Member of the Illinois House of Representatives from the 11th district
- In office 1971–1972

Member of the Illinois House of Representatives from the 12th district
- In office 1972–1974

Personal details
- Born: July 14, 1925 New York City, U.S.
- Died: May 4, 2025 (aged 99) Riverwoods, Illinois, U.S.
- Alma mater: New York University Princeton University
- Occupation: Dentist

= Bruce L. Douglas =

American politician (1925–2025)

Bruce Lee Douglas (July 14, 1925 – May 4, 2025) was an American politician in the state of Illinois.

==Life and career==
Douglas was born in New York City, New York on July 14, 1925. He received bachelor, doctorate and masters degrees, and professional diplomas from Princeton University, Columbia University, New York University, and the University of California. He served as an intern and resident at Queens Hospital Center in Jamaica, New York from 1948-1949 and 1951-1952. He was a retired Diplomate of the American Board of Oral and Maxillofacial Surgery and Professor of Health and Aging at the School of Public Health and Professor of Oral Medicine at the College of Dentistry at the University of Illinois.

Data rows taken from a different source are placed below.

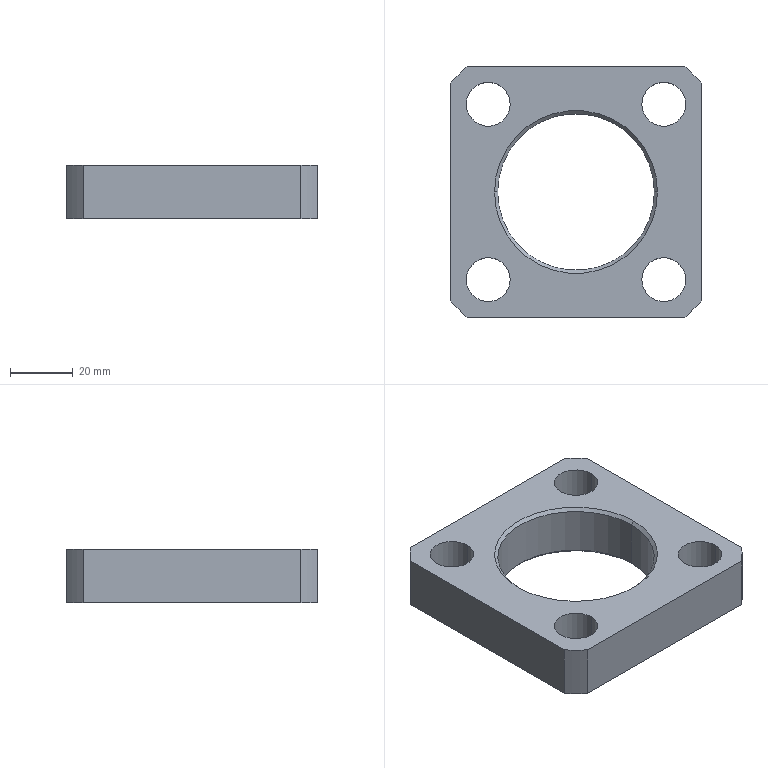Component | SolidWorks | Cylinder-1_Gland-1 | 1 solid | 24 faces | box 80 x 80 x 17 mm | volume 63907 mm3 | cylinder 14 | plane 6 | cone 4 | commonest cylinder face diameters 14 x8 106 x4 50 x2
STEP:
#1=CARTESIAN_POINT('',(-8.093,1.04,-7.612));
#2=VERTEX_POINT('',#1);
#3=CARTESIAN_POINT('',(-6.124,1.04,-7.612));
#4=VERTEX_POINT('',#3);
#5=CARTESIAN_POINT('',(-7.109,1.04,-7.612));
#6=DIRECTION('',(0.,-0.,-1.));
#7=DIRECTION('',(-1.,0.,0.));
#8=AXIS2_PLACEMENT_3D('',#5,#6,#7);
#9=CIRCLE('',#8,0.9843);
#10=EDGE_CURVE('',#2,#4,#9,.T.);
#11=ORIENTED_EDGE('',*,*,#10,.F.);
#12=CARTESIAN_POINT('',(-8.132,1.04,-7.652));
#13=VERTEX_POINT('',#12);
#14=CARTESIAN_POINT('',(-8.093,1.04,-7.612));
#15=DIRECTION('',(-0.7071,-0.,-0.7071));
#16=VECTOR('',#15,39.37);
#17=LINE('',#14,#16);
#18=EDGE_CURVE('',#2,#13,#17,.T.);
#19=ORIENTED_EDGE('',*,*,#18,.T.);
#20=CARTESIAN_POINT('',(-6.085,1.04,-7.652));
#21=VERTEX_POINT('',#20);
#22=CARTESIAN_POINT('',(-7.109,1.04,-7.652));
#23=DIRECTION('',(-0.,0.,1.));
#24=DIRECTION('',(-1.,0.,0.));
#25=AXIS2_PLACEMENT_3D('',#22,#23,#24);
#26=CIRCLE('',#25,1.024);
#27=EDGE_CURVE('',#21,#13,#26,.T.);
#28=ORIENTED_EDGE('',*,*,#27,.F.);
#29=CARTESIAN_POINT('',(-6.124,1.04,-7.612));
#30=DIRECTION('',(0.7071,-0.,-0.7071));
#31=VECTOR('',#30,39.37);
#32=LINE('',#29,#31);
#33=EDGE_CURVE('',#4,#21,#32,.T.);
#34=ORIENTED_EDGE('',*,*,#33,.F.);
#35=EDGE_LOOP('',(#11,#19,#28,#34));
#36=FACE_OUTER_BOUND('',#35,.T.);
#37=CARTESIAN_POINT('',(-7.109,1.04,-7.612));
#38=DIRECTION('',(0.,-0.,-1.));
#39=DIRECTION('',(1.,-0.,0.));
#40=AXIS2_PLACEMENT_3D('',#37,#38,#39);
#41=CONICAL_SURFACE('',#40,0.9843,0.7854);
#42=ADVANCED_FACE('',(#36),#41,.F.);
#43=CARTESIAN_POINT('',(-6.124,1.04,-7.022));
#44=VERTEX_POINT('',#43);
#45=CARTESIAN_POINT('',(-8.093,1.04,-7.022));
#46=VERTEX_POINT('',#45);
#47=CARTESIAN_POINT('',(-7.109,1.04,-7.022));
#48=DIRECTION('',(-0.,0.,1.));
#49=DIRECTION('',(-1.,0.,0.));
#50=AXIS2_PLACEMENT_3D('',#47,#48,#49);
#51=CIRCLE('',#50,0.9843);
#52=EDGE_CURVE('',#44,#46,#51,.T.);
#53=ORIENTED_EDGE('',*,*,#52,.F.);
#54=CARTESIAN_POINT('',(-6.085,1.04,-6.982));
#55=VERTEX_POINT('',#54);
#56=CARTESIAN_POINT('',(-6.085,1.04,-6.982));
#57=DIRECTION('',(0.7071,-0.,0.7071));
#58=VECTOR('',#57,39.37);
#59=LINE('',#56,#58);
#60=EDGE_CURVE('',#44,#55,#59,.T.);
#61=ORIENTED_EDGE('',*,*,#60,.T.);
#62=CARTESIAN_POINT('',(-8.132,1.04,-6.982));
#63=VERTEX_POINT('',#62);
#64=CARTESIAN_POINT('',(-7.109,1.04,-6.982));
#65=DIRECTION('',(0.,-0.,-1.));
#66=DIRECTION('',(-1.,0.,0.));
#67=AXIS2_PLACEMENT_3D('',#64,#65,#66);
#68=CIRCLE('',#67,1.024);
#69=EDGE_CURVE('',#63,#55,#68,.T.);
#70=ORIENTED_EDGE('',*,*,#69,.F.);
#71=CARTESIAN_POINT('',(-8.132,1.04,-6.982));
#72=DIRECTION('',(-0.7071,0.,0.7071));
#73=VECTOR('',#72,39.37);
#74=LINE('',#71,#73);
#75=EDGE_CURVE('',#46,#63,#74,.T.);
#76=ORIENTED_EDGE('',*,*,#75,.F.);
#77=EDGE_LOOP('',(#53,#61,#70,#76));
#78=FACE_OUTER_BOUND('',#77,.T.);
#79=CARTESIAN_POINT('',(-7.109,1.04,-6.982));
#80=DIRECTION('',(-0.,0.,1.));
#81=DIRECTION('',(-1.,0.,0.));
#82=AXIS2_PLACEMENT_3D('',#79,#80,#81);
#83=CONICAL_SURFACE('',#82,1.024,0.7854);
#84=ADVANCED_FACE('',(#78),#83,.F.);
#85=ORIENTED_EDGE('',*,*,#52,.T.);
#86=CARTESIAN_POINT('',(-8.093,1.04,-6.982));
#87=DIRECTION('',(0.,-0.,-1.));
#88=VECTOR('',#87,39.37);
#89=LINE('',#86,#88);
#90=EDGE_CURVE('',#46,#2,#89,.T.);
#91=ORIENTED_EDGE('',*,*,#90,.T.);
#92=ORIENTED_EDGE('',*,*,#10,.T.);
#93=CARTESIAN_POINT('',(-6.124,1.04,-6.982));
#94=DIRECTION('',(0.,-0.,-1.));
#95=VECTOR('',#94,39.37);
#96=LINE('',#93,#95);
#97=EDGE_CURVE('',#44,#4,#96,.T.);
#98=ORIENTED_EDGE('',*,*,#97,.F.);
#99=EDGE_LOOP('',(#85,#91,#92,#98));
#100=FACE_OUTER_BOUND('',#99,.T.);
#101=CARTESIAN_POINT('',(-7.109,1.04,-6.982));
#102=DIRECTION('',(0.,-0.,-1.));
#103=DIRECTION('',(1.,-0.,0.));
#104=AXIS2_PLACEMENT_3D('',#101,#102,#103);
#105=CYLINDRICAL_SURFACE('',#104,0.9843);
#106=ADVANCED_FACE('',(#100),#105,.F.);
#107=CARTESIAN_POINT('',(-8.486,2.142,-6.982));
#108=VERTEX_POINT('',#107);
#109=CARTESIAN_POINT('',(-7.935,2.142,-6.982));
#110=VERTEX_POINT('',#109);
#111=CARTESIAN_POINT('',(-8.211,2.142,-6.982));
#112=DIRECTION('',(0.,-0.,-1.));
#113=DIRECTION('',(-1.,0.,0.));
#114=AXIS2_PLACEMENT_3D('',#111,#112,#113);
#115=CIRCLE('',#114,0.2756);
#116=EDGE_CURVE('',#108,#110,#115,.T.);
#117=ORIENTED_EDGE('',*,*,#116,.F.);
#118=CARTESIAN_POINT('',(-8.486,2.142,-7.652));
#119=VERTEX_POINT('',#118);
#120=CARTESIAN_POINT('',(-8.486,2.142,-6.982));
#121=DIRECTION('',(0.,-0.,-1.));
#122=VECTOR('',#121,39.37);
#123=LINE('',#120,#122);
#124=EDGE_CURVE('',#108,#119,#123,.T.);
#125=ORIENTED_EDGE('',*,*,#124,.T.);
#126=CARTESIAN_POINT('',(-7.935,2.142,-7.652));
#127=VERTEX_POINT('',#126);
#128=CARTESIAN_POINT('',(-8.211,2.142,-7.652));
#129=DIRECTION('',(0.,-0.,-1.));
#130=DIRECTION('',(-1.,0.,0.));
#131=AXIS2_PLACEMENT_3D('',#128,#129,#130);
#132=CIRCLE('',#131,0.2756);
#133=EDGE_CURVE('',#119,#127,#132,.T.);
#134=ORIENTED_EDGE('',*,*,#133,.T.);
#135=CARTESIAN_POINT('',(-7.935,2.142,-6.982));
#136=DIRECTION('',(0.,-0.,-1.));
#137=VECTOR('',#136,39.37);
#138=LINE('',#135,#137);
#139=EDGE_CURVE('',#110,#127,#138,.T.);
#140=ORIENTED_EDGE('',*,*,#139,.F.);
#141=EDGE_LOOP('',(#117,#125,#134,#140));
#142=FACE_OUTER_BOUND('',#141,.T.);
#143=CARTESIAN_POINT('',(-8.211,2.142,-6.982));
#144=DIRECTION('',(0.,-0.,-1.));
#145=DIRECTION('',(1.,0.,0.));
#146=AXIS2_PLACEMENT_3D('',#143,#144,#145);
#147=CYLINDRICAL_SURFACE('',#146,0.2756);
#148=ADVANCED_FACE('',(#142),#147,.F.);
#149=CARTESIAN_POINT('',(-6.282,2.142,-6.982));
#150=VERTEX_POINT('',#149);
#151=CARTESIAN_POINT('',(-5.731,2.142,-6.982));
#152=VERTEX_POINT('',#151);
#153=CARTESIAN_POINT('',(-6.006,2.142,-6.982));
#154=DIRECTION('',(0.,-0.,-1.));
#155=DIRECTION('',(1.,0.,0.));
#156=AXIS2_PLACEMENT_3D('',#153,#154,#155);
#157=CIRCLE('',#156,0.2756);
#158=EDGE_CURVE('',#150,#152,#157,.T.);
#159=ORIENTED_EDGE('',*,*,#158,.F.);
#160=CARTESIAN_POINT('',(-6.282,2.142,-7.652));
#161=VERTEX_POINT('',#160);
#162=CARTESIAN_POINT('',(-6.282,2.142,-6.982));
#163=DIRECTION('',(0.,-0.,-1.));
#164=VECTOR('',#163,39.37);
#165=LINE('',#162,#164);
#166=EDGE_CURVE('',#150,#161,#165,.T.);
#167=ORIENTED_EDGE('',*,*,#166,.T.);
#168=CARTESIAN_POINT('',(-5.731,2.142,-7.652));
#169=VERTEX_POINT('',#168);
#170=CARTESIAN_POINT('',(-6.006,2.142,-7.652));
#171=DIRECTION('',(0.,-0.,-1.));
#172=DIRECTION('',(1.,0.,0.));
#173=AXIS2_PLACEMENT_3D('',#170,#171,#172);
#174=CIRCLE('',#173,0.2756);
#175=EDGE_CURVE('',#161,#169,#174,.T.);
#176=ORIENTED_EDGE('',*,*,#175,.T.);
#177=CARTESIAN_POINT('',(-5.731,2.142,-6.982));
#178=DIRECTION('',(0.,-0.,-1.));
#179=VECTOR('',#178,39.37);
#180=LINE('',#177,#179);
#181=EDGE_CURVE('',#152,#169,#180,.T.);
#182=ORIENTED_EDGE('',*,*,#181,.F.);
#183=EDGE_LOOP('',(#159,#167,#176,#182));
#184=FACE_OUTER_BOUND('',#183,.T.);
#185=CARTESIAN_POINT('',(-6.006,2.142,-6.982));
#186=DIRECTION('',(0.,-0.,-1.));
#187=DIRECTION('',(1.,0.,0.));
#188=AXIS2_PLACEMENT_3D('',#185,#186,#187);
#189=CYLINDRICAL_SURFACE('',#188,0.2756);
#190=ADVANCED_FACE('',(#184),#189,.F.);
#191=CARTESIAN_POINT('',(-6.282,-0.06252,-6.982));
#192=VERTEX_POINT('',#191);
#193=CARTESIAN_POINT('',(-5.731,-0.06252,-6.982));
#194=VERTEX_POINT('',#193);
#195=CARTESIAN_POINT('',(-6.006,-0.06252,-6.982));
#196=DIRECTION('',(0.,-0.,-1.));
#197=DIRECTION('',(-1.,0.,0.));
#198=AXIS2_PLACEMENT_3D('',#195,#196,#197);
#199=CIRCLE('',#198,0.2756);
#200=EDGE_CURVE('',#192,#194,#199,.T.);
#201=ORIENTED_EDGE('',*,*,#200,.F.);
#202=CARTESIAN_POINT('',(-6.282,-0.06252,-7.652));
#203=VERTEX_POINT('',#202);
#204=CARTESIAN_POINT('',(-6.282,-0.06252,-6.982));
#205=DIRECTION('',(0.,-0.,-1.));
#206=VECTOR('',#205,39.37);
#207=LINE('',#204,#206);
#208=EDGE_CURVE('',#192,#203,#207,.T.);
#209=ORIENTED_EDGE('',*,*,#208,.T.);
#210=CARTESIAN_POINT('',(-5.731,-0.06252,-7.652));
#211=VERTEX_POINT('',#210);
#212=CARTESIAN_POINT('',(-6.006,-0.06252,-7.652));
#213=DIRECTION('',(0.,-0.,-1.));
#214=DIRECTION('',(-1.,0.,0.));
#215=AXIS2_PLACEMENT_3D('',#212,#213,#214);
#216=CIRCLE('',#215,0.2756);
#217=EDGE_CURVE('',#203,#211,#216,.T.);
#218=ORIENTED_EDGE('',*,*,#217,.T.);
#219=CARTESIAN_POINT('',(-5.731,-0.06252,-6.982));
#220=DIRECTION('',(0.,-0.,-1.));
#221=VECTOR('',#220,39.37);
#222=LINE('',#219,#221);
#223=EDGE_CURVE('',#194,#211,#222,.T.);
#224=ORIENTED_EDGE('',*,*,#223,.F.);
#225=EDGE_LOOP('',(#201,#209,#218,#224));
#226=FACE_OUTER_BOUND('',#225,.T.);
#227=CARTESIAN_POINT('',(-6.006,-0.06252,-6.982));
#228=DIRECTION('',(0.,-0.,-1.));
#229=DIRECTION('',(1.,-0.,0.));
#230=AXIS2_PLACEMENT_3D('',#227,#228,#229);
#231=CYLINDRICAL_SURFACE('',#230,0.2756);
#232=ADVANCED_FACE('',(#226),#231,.F.);
#233=CARTESIAN_POINT('',(-8.486,-0.06252,-6.982));
#234=VERTEX_POINT('',#233);
#235=CARTESIAN_POINT('',(-7.935,-0.06252,-6.982));
#236=VERTEX_POINT('',#235);
#237=CARTESIAN_POINT('',(-8.211,-0.06252,-6.982));
#238=DIRECTION('',(0.,-0.,-1.));
#239=DIRECTION('',(1.,-0.,0.));
#240=AXIS2_PLACEMENT_3D('',#237,#238,#239);
#241=CIRCLE('',#240,0.2756);
#242=EDGE_CURVE('',#234,#236,#241,.T.);
#243=ORIENTED_EDGE('',*,*,#242,.F.);
#244=CARTESIAN_POINT('',(-8.486,-0.06252,-7.652));
#245=VERTEX_POINT('',#244);
#246=CARTESIAN_POINT('',(-8.486,-0.06252,-6.982));
#247=DIRECTION('',(0.,-0.,-1.));
#248=VECTOR('',#247,39.37);
#249=LINE('',#246,#248);
#250=EDGE_CURVE('',#234,#245,#249,.T.);
#251=ORIENTED_EDGE('',*,*,#250,.T.);
#252=CARTESIAN_POINT('',(-7.935,-0.06252,-7.652));
#253=VERTEX_POINT('',#252);
#254=CARTESIAN_POINT('',(-8.211,-0.06252,-7.652));
#255=DIRECTION('',(0.,-0.,-1.));
#256=DIRECTION('',(1.,-0.,0.));
#257=AXIS2_PLACEMENT_3D('',#254,#255,#256);
#258=CIRCLE('',#257,0.2756);
#259=EDGE_CURVE('',#245,#253,#258,.T.);
#260=ORIENTED_EDGE('',*,*,#259,.T.);
#261=CARTESIAN_POINT('',(-7.935,-0.06252,-6.982));
#262=DIRECTION('',(0.,-0.,-1.));
#263=VECTOR('',#262,39.37);
#264=LINE('',#261,#263);
#265=EDGE_CURVE('',#236,#253,#264,.T.);
#266=ORIENTED_EDGE('',*,*,#265,.F.);
#267=EDGE_LOOP('',(#243,#251,#260,#266));
#268=FACE_OUTER_BOUND('',#267,.T.);
#269=CARTESIAN_POINT('',(-8.211,-0.06252,-6.982));
#270=DIRECTION('',(0.,-0.,-1.));
#271=DIRECTION('',(1.,-0.,0.));
#272=AXIS2_PLACEMENT_3D('',#269,#270,#271);
#273=CYLINDRICAL_SURFACE('',#272,0.2756);
#274=ADVANCED_FACE('',(#268),#273,.F.);
#275=CARTESIAN_POINT('',(-8.683,-0.3291,-6.982));
#276=VERTEX_POINT('',#275);
#277=CARTESIAN_POINT('',(-8.683,2.409,-6.982));
#278=VERTEX_POINT('',#277);
#279=CARTESIAN_POINT('',(-8.683,2.615,-6.982));
#280=DIRECTION('',(0.,1.,-0.));
#281=VECTOR('',#280,39.37);
#282=LINE('',#279,#281);
#283=EDGE_CURVE('',#276,#278,#282,.T.);
#284=ORIENTED_EDGE('',*,*,#283,.T.);
#285=CARTESIAN_POINT('',(-8.683,2.409,-7.652));
#286=VERTEX_POINT('',#285);
#287=CARTESIAN_POINT('',(-8.683,2.409,-6.982));
#288=DIRECTION('',(0.,-0.,-1.));
#289=VECTOR('',#288,39.37);
#290=LINE('',#287,#289);
#291=EDGE_CURVE('',#278,#286,#290,.T.);
#292=ORIENTED_EDGE('',*,*,#291,.T.);
#293=CARTESIAN_POINT('',(-8.683,-0.3291,-7.652));
#294=VERTEX_POINT('',#293);
#295=CARTESIAN_POINT('',(-8.683,2.615,-7.652));
#296=DIRECTION('',(0.,1.,-0.));
#297=VECTOR('',#296,39.37);
#298=LINE('',#295,#297);
#299=EDGE_CURVE('',#294,#286,#298,.T.);
#300=ORIENTED_EDGE('',*,*,#299,.F.);
#301=CARTESIAN_POINT('',(-8.683,-0.3291,-6.982));
#302=DIRECTION('',(-0.,0.,1.));
#303=VECTOR('',#302,39.37);
#304=LINE('',#301,#303);
#305=EDGE_CURVE('',#294,#276,#304,.T.);
#306=ORIENTED_EDGE('',*,*,#305,.T.);
#307=EDGE_LOOP('',(#284,#292,#300,#306));
#308=FACE_OUTER_BOUND('',#307,.T.);
#309=CARTESIAN_POINT('',(-8.683,2.615,-6.982));
#310=DIRECTION('',(-1.,0.,-0.));
#311=DIRECTION('',(0.,-0.,-1.));
#312=AXIS2_PLACEMENT_3D('',#309,#310,#311);
#313=PLANE('',#312);
#314=ADVANCED_FACE('',(#308),#313,.T.);
#315=CARTESIAN_POINT('',(-5.74,-0.535,-6.982));
#316=VERTEX_POINT('',#315);
#317=CARTESIAN_POINT('',(-8.477,-0.535,-6.982));
#318=VERTEX_POINT('',#317);
#319=CARTESIAN_POINT('',(-8.683,-0.535,-6.982));
#320=DIRECTION('',(-1.,0.,-0.));
#321=VECTOR('',#320,39.37);
#322=LINE('',#319,#321);
#323=EDGE_CURVE('',#316,#318,#322,.T.);
#324=ORIENTED_EDGE('',*,*,#323,.T.);
#325=CARTESIAN_POINT('',(-8.477,-0.535,-7.652));
#326=VERTEX_POINT('',#325);
#327=CARTESIAN_POINT('',(-8.477,-0.535,-6.982));
#328=DIRECTION('',(0.,-0.,-1.));
#329=VECTOR('',#328,39.37);
#330=LINE('',#327,#329);
#331=EDGE_CURVE('',#318,#326,#330,.T.);
#332=ORIENTED_EDGE('',*,*,#331,.T.);
#333=CARTESIAN_POINT('',(-5.74,-0.535,-7.652));
#334=VERTEX_POINT('',#333);
#335=CARTESIAN_POINT('',(-8.683,-0.535,-7.652));
#336=DIRECTION('',(-1.,0.,-0.));
#337=VECTOR('',#336,39.37);
#338=LINE('',#335,#337);
#339=EDGE_CURVE('',#334,#326,#338,.T.);
#340=ORIENTED_EDGE('',*,*,#339,.F.);
#341=CARTESIAN_POINT('',(-5.74,-0.535,-6.982));
#342=DIRECTION('',(-0.,0.,1.));
#343=VECTOR('',#342,39.37);
#344=LINE('',#341,#343);
#345=EDGE_CURVE('',#334,#316,#344,.T.);
#346=ORIENTED_EDGE('',*,*,#345,.T.);
#347=EDGE_LOOP('',(#324,#332,#340,#346));
#348=FACE_OUTER_BOUND('',#347,.T.);
#349=CARTESIAN_POINT('',(-8.683,-0.535,-6.982));
#350=DIRECTION('',(-0.,-1.,0.));
#351=DIRECTION('',(0.,-0.,-1.));
#352=AXIS2_PLACEMENT_3D('',#349,#350,#351);
#353=PLANE('',#352);
#354=ADVANCED_FACE('',(#348),#353,.T.);
#355=CARTESIAN_POINT('',(-5.534,2.409,-6.982));
#356=VERTEX_POINT('',#355);
#357=CARTESIAN_POINT('',(-5.534,-0.3291,-6.982));
#358=VERTEX_POINT('',#357);
#359=CARTESIAN_POINT('',(-5.534,2.615,-6.982));
#360=DIRECTION('',(-0.,-1.,0.));
#361=VECTOR('',#360,39.37);
#362=LINE('',#359,#361);
#363=EDGE_CURVE('',#356,#358,#362,.T.);
#364=ORIENTED_EDGE('',*,*,#363,.T.);
#365=CARTESIAN_POINT('',(-5.534,-0.3291,-7.652));
#366=VERTEX_POINT('',#365);
#367=CARTESIAN_POINT('',(-5.534,-0.3291,-6.982));
#368=DIRECTION('',(0.,-0.,-1.));
#369=VECTOR('',#368,39.37);
#370=LINE('',#367,#369);
#371=EDGE_CURVE('',#358,#366,#370,.T.);
#372=ORIENTED_EDGE('',*,*,#371,.T.);
#373=CARTESIAN_POINT('',(-5.534,2.409,-7.652));
#374=VERTEX_POINT('',#373);
#375=CARTESIAN_POINT('',(-5.534,2.615,-7.652));
#376=DIRECTION('',(-0.,-1.,0.));
#377=VECTOR('',#376,39.37);
#378=LINE('',#375,#377);
#379=EDGE_CURVE('',#374,#366,#378,.T.);
#380=ORIENTED_EDGE('',*,*,#379,.F.);
#381=CARTESIAN_POINT('',(-5.534,2.409,-6.982));
#382=DIRECTION('',(-0.,0.,1.));
#383=VECTOR('',#382,39.37);
#384=LINE('',#381,#383);
#385=EDGE_CURVE('',#374,#356,#384,.T.);
#386=ORIENTED_EDGE('',*,*,#385,.T.);
#387=EDGE_LOOP('',(#364,#372,#380,#386));
#388=FACE_OUTER_BOUND('',#387,.T.);
#389=CARTESIAN_POINT('',(-5.534,2.615,-6.982));
#390=DIRECTION('',(1.,-0.,0.));
#391=DIRECTION('',(-0.,0.,1.));
#392=AXIS2_PLACEMENT_3D('',#389,#390,#391);
#393=PLANE('',#392);
#394=ADVANCED_FACE('',(#388),#393,.T.);
#395=CARTESIAN_POINT('',(-8.477,2.615,-6.982));
#396=VERTEX_POINT('',#395);
#397=CARTESIAN_POINT('',(-5.74,2.615,-6.982));
#398=VERTEX_POINT('',#397);
#399=CARTESIAN_POINT('',(-8.683,2.615,-6.982));
#400=DIRECTION('',(1.,-0.,0.));
#401=VECTOR('',#400,39.37);
#402=LINE('',#399,#401);
#403=EDGE_CURVE('',#396,#398,#402,.T.);
#404=ORIENTED_EDGE('',*,*,#403,.T.);
#405=CARTESIAN_POINT('',(-5.74,2.615,-7.652));
#406=VERTEX_POINT('',#405);
#407=CARTESIAN_POINT('',(-5.74,2.615,-6.982));
#408=DIRECTION('',(0.,-0.,-1.));
#409=VECTOR('',#408,39.37);
#410=LINE('',#407,#409);
#411=EDGE_CURVE('',#398,#406,#410,.T.);
#412=ORIENTED_EDGE('',*,*,#411,.T.);
#413=CARTESIAN_POINT('',(-8.477,2.615,-7.652));
#414=VERTEX_POINT('',#413);
#415=CARTESIAN_POINT('',(-8.683,2.615,-7.652));
#416=DIRECTION('',(1.,-0.,0.));
#417=VECTOR('',#416,39.37);
#418=LINE('',#415,#417);
#419=EDGE_CURVE('',#414,#406,#418,.T.);
#420=ORIENTED_EDGE('',*,*,#419,.F.);
#421=CARTESIAN_POINT('',(-8.477,2.615,-6.982));
#422=DIRECTION('',(-0.,0.,1.));
#423=VECTOR('',#422,39.37);
#424=LINE('',#421,#423);
#425=EDGE_CURVE('',#414,#396,#424,.T.);
#426=ORIENTED_EDGE('',*,*,#425,.T.);
#427=EDGE_LOOP('',(#404,#412,#420,#426));
#428=FACE_OUTER_BOUND('',#427,.T.);
#429=CARTESIAN_POINT('',(-8.683,2.615,-6.982));
#430=DIRECTION('',(0.,1.,-0.));
#431=DIRECTION('',(-0.,0.,1.));
#432=AXIS2_PLACEMENT_3D('',#429,#430,#431);
#433=PLANE('',#432);
#434=ADVANCED_FACE('',(#428),#433,.T.);
#435=ORIENTED_EDGE('',*,*,#69,.T.);
#436=CARTESIAN_POINT('',(-7.109,1.04,-6.982));
#437=DIRECTION('',(0.,-0.,-1.));
#438=DIRECTION('',(-1.,0.,0.));
#439=AXIS2_PLACEMENT_3D('',#436,#437,#438);
#440=CIRCLE('',#439,1.024);
#441=EDGE_CURVE('',#55,#63,#440,.T.);
#442=ORIENTED_EDGE('',*,*,#441,.T.);
#443=EDGE_LOOP('',(#435,#442));
#444=FACE_BOUND('',#443,.T.);
#445=CARTESIAN_POINT('',(-8.211,2.142,-6.982));
#446=DIRECTION('',(0.,-0.,-1.));
#447=DIRECTION('',(-1.,0.,0.));
#448=AXIS2_PLACEMENT_3D('',#445,#446,#447);
#449=CIRCLE('',#448,0.2756);
#450=EDGE_CURVE('',#110,#108,#449,.T.);
#451=ORIENTED_EDGE('',*,*,#450,.T.);
#452=ORIENTED_EDGE('',*,*,#116,.T.);
#453=EDGE_LOOP('',(#451,#452));
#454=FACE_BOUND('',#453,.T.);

Douglas served in the United States Navy during World War II and the Korean War and was a member of the Naval Reserve for twelve years. He served two terms as an elected member of the Illinois General Assembly Illinois and is recognized as a Founding Professor and first faculty member of the University of Illinois School of Public Health. He served for two years as Fulbright Professor of Oral Surgery and Anesthesiology at Okayama University and Tokyo Medical-Dental University in Japan, 1959-1961 and as World Health Organization consultant to Colombia, Venezuela, Thailand, the United Kingdom, and the USSR and Russia. In 1971, Douglas introduced a bill to legalize abortion within the first 12 weeks of pregnancy. The bill died in committee. He received a Lifetime Achievement Award from Who's Who in America in 2018.

Douglas died at his home in Riverwoods, Illinois, on May 4, 2025, at the age of 99.